Physico-chemical river water quality modelling

Physico-chemical water quality models are developed and tested through implementation of the Mike11 river modelling software of DHI Water & Environment. The models aims to describe and predict concentrations of dissolved oxygen (DO), organic pollution (by the biochemical oxygen demand BOD), nutrients (nitrogen in the form of ammonium NH4-N and nitrate NO3-N) and total dissolved solids (TDS), taking into consideration advection, dispersion and the most important biological, chemical and physical processes. All significant pollution sources are considered. Applications include case-studies in Belgium, the Dender and Nete basins, and in the Nile Delta.

For the case-studies in the Flanders region of Belgium, the nutrient input loads in the surface waters are predicted by the SENTWA model. The SENTWA model describes the spatial variation in the nutrient loads and concentrations, their contributing sources and their dependence on rainfall and catchment characteristics through a conceptual model. Because this modelling tool covers the whole Flanders territory, traditional physically-based modelling techniques (e.g. SWAT) cannot be used. More simplified or conceptual models are needed, which try to relate nutrient concentrations to river discharges, catchment characteristics and statistical information on the agricultural activities. In a research project for the Flemish Environment Agency (VMM), the SENTWA model has been refined such that monthly nutrient load estimates can be disaggregated to the daily and hourly time scales, and can be splitted in discharges and concentrations. For the discharge estimates, a regional rainfall-runoff model has been set up for the entire Flanders region. It is based on lumped conceptual model calibrations for a large number of gauged subbasins.

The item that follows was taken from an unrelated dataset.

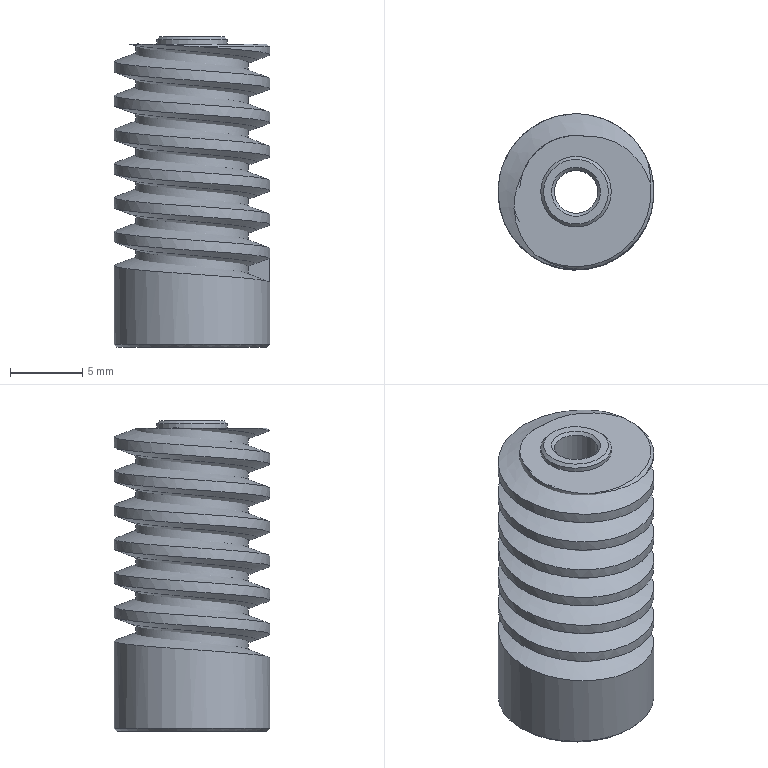Component | NX | DJZ_05_WORM_SHAFT_TRAVEL10 | 1 solid | 25 faces | volume 1360 mm3 | cylinder 11 | plane 6 | cone 6 | spline 2 | commonest cylinder face diameters 10.8 x8 5.2 x1 4.9 x1 3 x1

In the Nile Delta area, a full hydrodynamic model and a physico-chemical water quality model have been set up for the Rosetta Branch. This has been done through joint research activities by the Hydraulics Laboratory of K.U.Leuven and the National Water Research Center (NWRC), Cairo (Egypt). A NATO Collaborative Linkage Grant, given to both institutes for the period 2003-2005, financially supported these activities. This Grant was part of the NATO Science Programme - Cooperative Science and Technology Sub-Programme, and allowed links to be set up between the research at both institutes.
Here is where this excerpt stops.